Sodium 22 + washout from cultured rat cells

Abstract The washout of Na + isotopes from tissues and cells is quite complex and not well defined. To further gain insight into this process, we have studied 22 Na + washout from cultured Wistar rat skin fibroblasts and vascular smooth muscle cells (VSMCs). In these preparations, 22 Na + washout is described by a general three‐exponential function. The exponential factor of the fastest component (k 1 ) and the initial exchange rate constant (k i e ) of cultured fibroblasts decrease in magnitude in response to incubation in K + ‐deficient medium or in the presence of ouabain and increase in magnitude when the cells are incubated in a Ca ++ ‐deficient medium. As the magnitude of the k i e declines (in the presence of ouabain) to the level of the exponential factor of the middle component (k 2 ), 22 Na + washout is adequately described by a twoexponential function. When the k i e is further diminished (in the presence of both ouabain and phloretin) to the range of the exponential factor of the slowest component (k 3 ), the washout of 22 Na + is apparently monoexponential.
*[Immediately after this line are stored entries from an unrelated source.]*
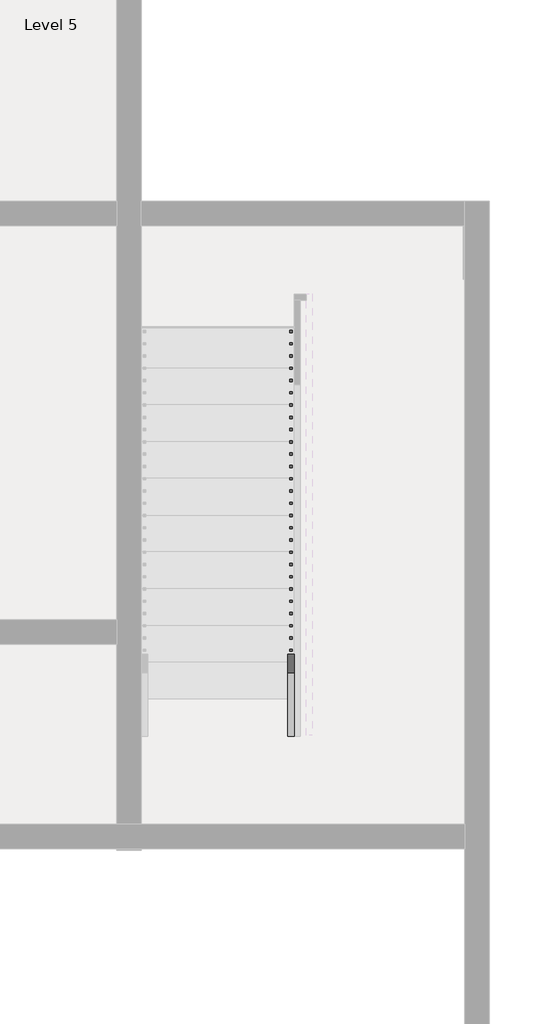
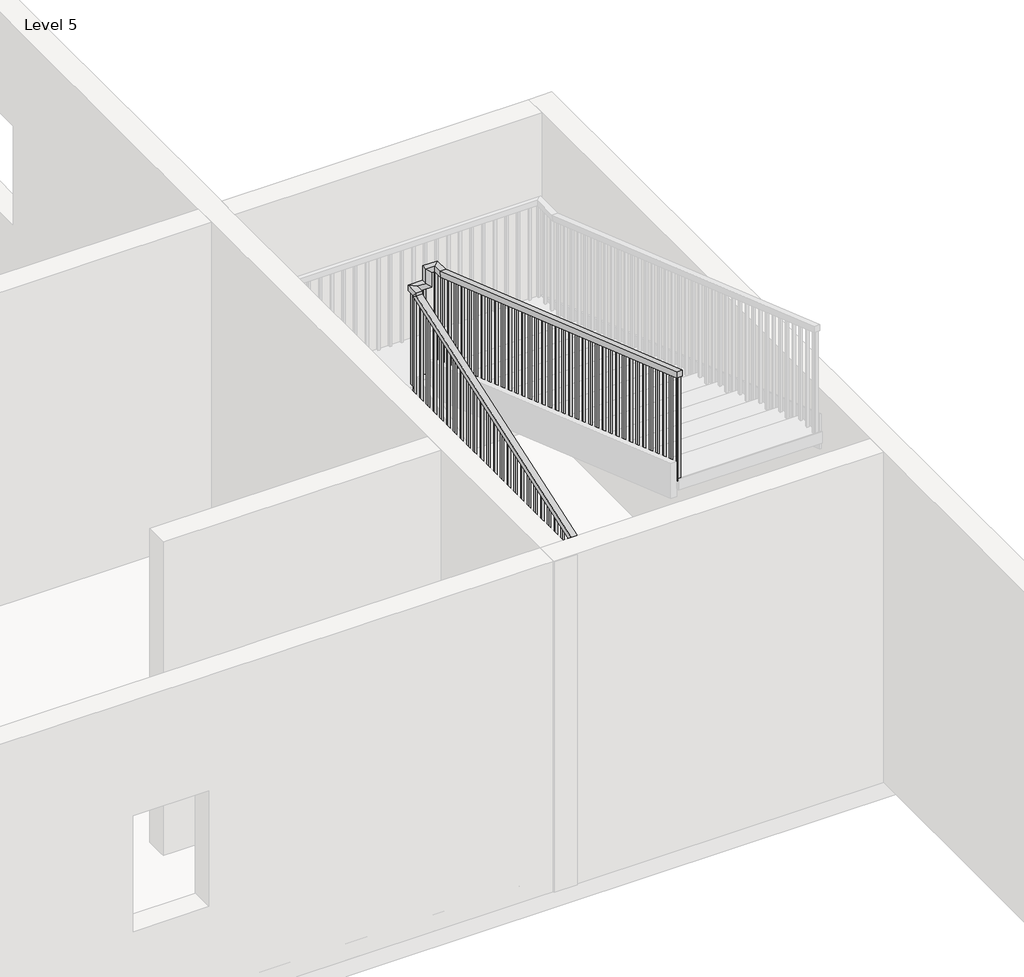
# One storey, part 6 of 14: 1 railing.
"""IFC4 building model written with IfcOpenShell, lengths in millimetres."""

from ifc_helpers import new_model, si_unit, frame, origin, place, context, project, spatial, polyline, outline, extrude, faceted_brep, element, save

model = new_model("IFC4")

# Units and contexts
model_context = context("Model", 3, world=origin())
ifc_project = project(units=[si_unit("LENGTHUNIT", "METRE", prefix="MILLI")], contexts=[model_context])

# Site, building, storey
site = spatial("IfcSite", under=ifc_project)
building = spatial("IfcBuilding", under=site)
storey = spatial("IfcBuildingStorey", under=building, Name="Level 5", Elevation=12192.0)

# Railing
placement = place(None, origin())
element("IfcRailing", 1, ObjectType="Handrail - Rectangular", at=placement, inside=storey, context=model_context, shape_type="SolidModel", body=[
    faceted_brep([(-2644.5381751, -9955.5916506, 13211.9076923), (-2644.5381751, -9955.5916506, 13158.1602476), (-2593.7381751, -9955.5916506, 13158.1602476), (-2593.7381751, -9955.5916506, 13211.9076923), (-2644.5381751, -6367.8416506, 14451.6687908), (-2644.5381751, -6317.0416506, 14415.4754856), (-2593.7381751, -6317.0416506, 14415.4754856), (-2593.7381751, -6367.8416506, 14451.6687908), (-2644.5381751, -6367.8416506, 14478.0), (-2644.5381751, -6317.0416506, 14427.2), (-2593.7381751, -6317.0416506, 14427.2), (-2593.7381751, -6367.8416506, 14478.0), (-2644.5381751, -6240.8416506, 14478.0), (-2644.5381751, -6240.8416506, 14427.2), (-2593.7381751, -6291.6416506, 14427.2), (-2593.7381751, -6291.6416506, 14478.0), (-2517.5381751, -6240.8416506, 14478.0), (-2466.7381751, -6240.8416506, 14427.2), (-2466.7381751, -6291.6416506, 14427.2), (-2517.5381751, -6291.6416506, 14478.0), (-2517.5381751, -6240.8416506, 14609.8846154), (-2466.7381751, -6240.8416506, 14559.0846154), (-2466.7381751, -6291.6416506, 14559.0846154), (-2517.5381751, -6291.6416506, 14609.8846154), (-2390.5381751, -6240.8416506, 14609.8846154), (-2390.5381751, -6240.8416506, 14559.0846154), (-2441.3381751, -6291.6416506, 14559.0846154), (-2441.3381751, -6291.6416506, 14609.8846154), (-2390.5381751, -6367.8416506, 14609.8846154), (-2390.5381751, -6376.3852679, 14559.0846154), (-2441.3381751, -6376.3852679, 14559.0846154), (-2441.3381751, -6367.8416506, 14609.8846154), (-2390.5381751, -9949.2416506, 15849.6), (-2441.3381751, -9949.2416506, 15849.6), (-2441.3381751, -9949.2416506, 15795.842594), (-2390.5381751, -9949.2416506, 15795.842594)], [[[0, 1, 2, 3]], [[1, 0, 4, 5]], [[2, 1, 5, 6]], [[3, 2, 6, 7]], [[0, 3, 7, 4]], [[5, 4, 8, 9]], [[6, 5, 9, 10]], [[7, 6, 10, 11]], [[4, 7, 11, 8]], [[9, 8, 12, 13]], [[10, 9, 13, 14]], [[11, 10, 14, 15]], [[8, 11, 15, 12]], [[13, 12, 16, 17]], [[14, 13, 17, 18]], [[15, 14, 18, 19]], [[12, 15, 19, 16]], [[17, 16, 20, 21]], [[18, 17, 21, 22]], [[19, 18, 22, 23]], [[16, 19, 23, 20]], [[21, 20, 24, 25]], [[22, 21, 25, 26]], [[23, 22, 26, 27]], [[20, 23, 27, 24]], [[25, 24, 28, 29]], [[26, 25, 29, 30]], [[27, 26, 30, 31]], [[24, 27, 31, 28]], [[32, 33, 34, 35]], [[29, 28, 32, 35]], [[30, 29, 35, 34]], [[31, 30, 34, 33]], [[28, 31, 33, 32]]]),
    extrude(outline(polyline([(-9933.3666506, 15790.3474017), (-9914.3166506, 15783.7531709), (-9914.3166506, 14829.6923077), (-9933.3666506, 14829.6923077), (-9933.3666506, 15790.3474017)])), frame((-2425.4631751, 0.0, 0.0), z_axis=(1.0, 0.0, 0.0), x_axis=(0.0, 1.0, 0.0)), (0.0, 0.0, 1.0), 19.05),
    extrude(outline(polyline([(-9831.7666506, 15755.1781709), (-9812.7166506, 15748.5839402), (-9812.7166506, 14829.6923077), (-9831.7666506, 14829.6923077), (-9831.7666506, 15755.1781709)])), frame((-2425.4631751, 0.0, 0.0), z_axis=(1.0, 0.0, 0.0), x_axis=(0.0, 1.0, 0.0)), (0.0, 0.0, 1.0), 19.05),
    extrude(outline(polyline([(-9730.1666506, 15720.0089402), (-9711.1166506, 15713.4147094), (-9711.1166506, 14829.6923077), (-9730.1666506, 14829.6923077), (-9730.1666506, 15720.0089402)])), frame((-2425.4631751, 0.0, 0.0), z_axis=(1.0, 0.0, 0.0), x_axis=(0.0, 1.0, 0.0)), (0.0, 0.0, 1.0), 19.05),
    extrude(outline(polyline([(-9628.5666506, 15684.8397094), (-9609.5166506, 15678.2454786), (-9609.5166506, 14724.1846154), (-9628.5666506, 14724.1846154), (-9628.5666506, 15684.8397094)])), frame((-2425.4631751, 0.0, 0.0), z_axis=(1.0, 0.0, 0.0), x_axis=(0.0, 1.0, 0.0)), (0.0, 0.0, 1.0), 19.05),
    extrude(outline(polyline([(-9526.9666506, 15649.6704786), (-9507.9166506, 15643.0762479), (-9507.9166506, 14724.1846154), (-9526.9666506, 14724.1846154), (-9526.9666506, 15649.6704786)])), frame((-2425.4631751, 0.0, 0.0), z_axis=(1.0, 0.0, 0.0), x_axis=(0.0, 1.0, 0.0)), (0.0, 0.0, 1.0), 19.05),
    extrude(outline(polyline([(-9425.3666506, 15614.5012479), (-9406.3166506, 15607.9070171), (-9406.3166506, 14724.1846154), (-9425.3666506, 14724.1846154), (-9425.3666506, 15614.5012479)])), frame((-2425.4631751, 0.0, 0.0), z_axis=(1.0, 0.0, 0.0), x_axis=(0.0, 1.0, 0.0)), (0.0, 0.0, 1.0), 19.05),
    extrude(outline(polyline([(-9323.7666506, 15579.3320171), (-9304.7166506, 15572.7377863), (-9304.7166506, 14618.6769231), (-9323.7666506, 14618.6769231), (-9323.7666506, 15579.3320171)])), frame((-2425.4631751, 0.0, 0.0), z_axis=(1.0, 0.0, 0.0), x_axis=(0.0, 1.0, 0.0)), (0.0, 0.0, 1.0), 19.05),
    extrude(outline(polyline([(-9222.1666506, 15544.1627863), (-9203.1166506, 15537.5685556), (-9203.1166506, 14618.6769231), (-9222.1666506, 14618.6769231), (-9222.1666506, 15544.1627863)])), frame((-2425.4631751, 0.0, 0.0), z_axis=(1.0, 0.0, 0.0), x_axis=(0.0, 1.0, 0.0)), (0.0, 0.0, 1.0), 19.05),
    extrude(outline(polyline([(-9120.5666506, 15508.9935556), (-9101.5166506, 15502.3993248), (-9101.5166506, 14618.6769231), (-9120.5666506, 14618.6769231), (-9120.5666506, 15508.9935556)])), frame((-2425.4631751, 0.0, 0.0), z_axis=(1.0, 0.0, 0.0), x_axis=(0.0, 1.0, 0.0)), (0.0, 0.0, 1.0), 19.05),
    extrude(outline(polyline([(-9018.9666506, 15473.8243248), (-8999.9166506, 15467.230094), (-8999.9166506, 14513.1692308), (-9018.9666506, 14513.1692308), (-9018.9666506, 15473.8243248)])), frame((-2425.4631751, 0.0, 0.0), z_axis=(1.0, 0.0, 0.0), x_axis=(0.0, 1.0, 0.0)), (0.0, 0.0, 1.0), 19.05),
    extrude(outline(polyline([(-8917.3666506, 15438.655094), (-8898.3166506, 15432.0608632), (-8898.3166506, 14513.1692308), (-8917.3666506, 14513.1692308), (-8917.3666506, 15438.655094)])), frame((-2425.4631751, 0.0, 0.0), z_axis=(1.0, 0.0, 0.0), x_axis=(0.0, 1.0, 0.0)), (0.0, 0.0, 1.0), 19.05),
    extrude(outline(polyline([(-8815.7666506, 15403.4858632), (-8796.7166506, 15396.8916325), (-8796.7166506, 14513.1692308), (-8815.7666506, 14513.1692308), (-8815.7666506, 15403.4858632)])), frame((-2425.4631751, 0.0, 0.0), z_axis=(1.0, 0.0, 0.0), x_axis=(0.0, 1.0, 0.0)), (0.0, 0.0, 1.0), 19.05),
    extrude(outline(polyline([(-8714.1666506, 15368.3166325), (-8695.1166506, 15361.7224017), (-8695.1166506, 14407.6615385), (-8714.1666506, 14407.6615385), (-8714.1666506, 15368.3166325)])), frame((-2425.4631751, 0.0, 0.0), z_axis=(1.0, 0.0, 0.0), x_axis=(0.0, 1.0, 0.0)), (0.0, 0.0, 1.0), 19.05),
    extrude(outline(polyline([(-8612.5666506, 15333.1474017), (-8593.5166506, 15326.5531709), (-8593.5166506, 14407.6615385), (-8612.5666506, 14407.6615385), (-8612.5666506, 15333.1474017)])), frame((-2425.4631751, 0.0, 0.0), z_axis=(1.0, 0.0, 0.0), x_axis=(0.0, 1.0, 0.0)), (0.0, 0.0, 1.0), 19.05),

Calculations of the cellular Na + concentrations, based on the 22 Na + activity in the cells at the initiation of the washout experiments, and the medium specific activity agree with atomic absorption spectrometry measurements of the cellular concentration of this ion. Thus, all three components of 22 Na + washout from cultured rat cells are of cellular origin. Using the exponential parameters, compartmental analyses of two models (in parallel and in series) with three cellular Na + pools were performed. The results indicate that, independent of the model chosen, the relative size of the largest Na + pool is 92–93% in fibroblasts and approximately 96% in VSMCs. This pool is most likely to represent the cytosol.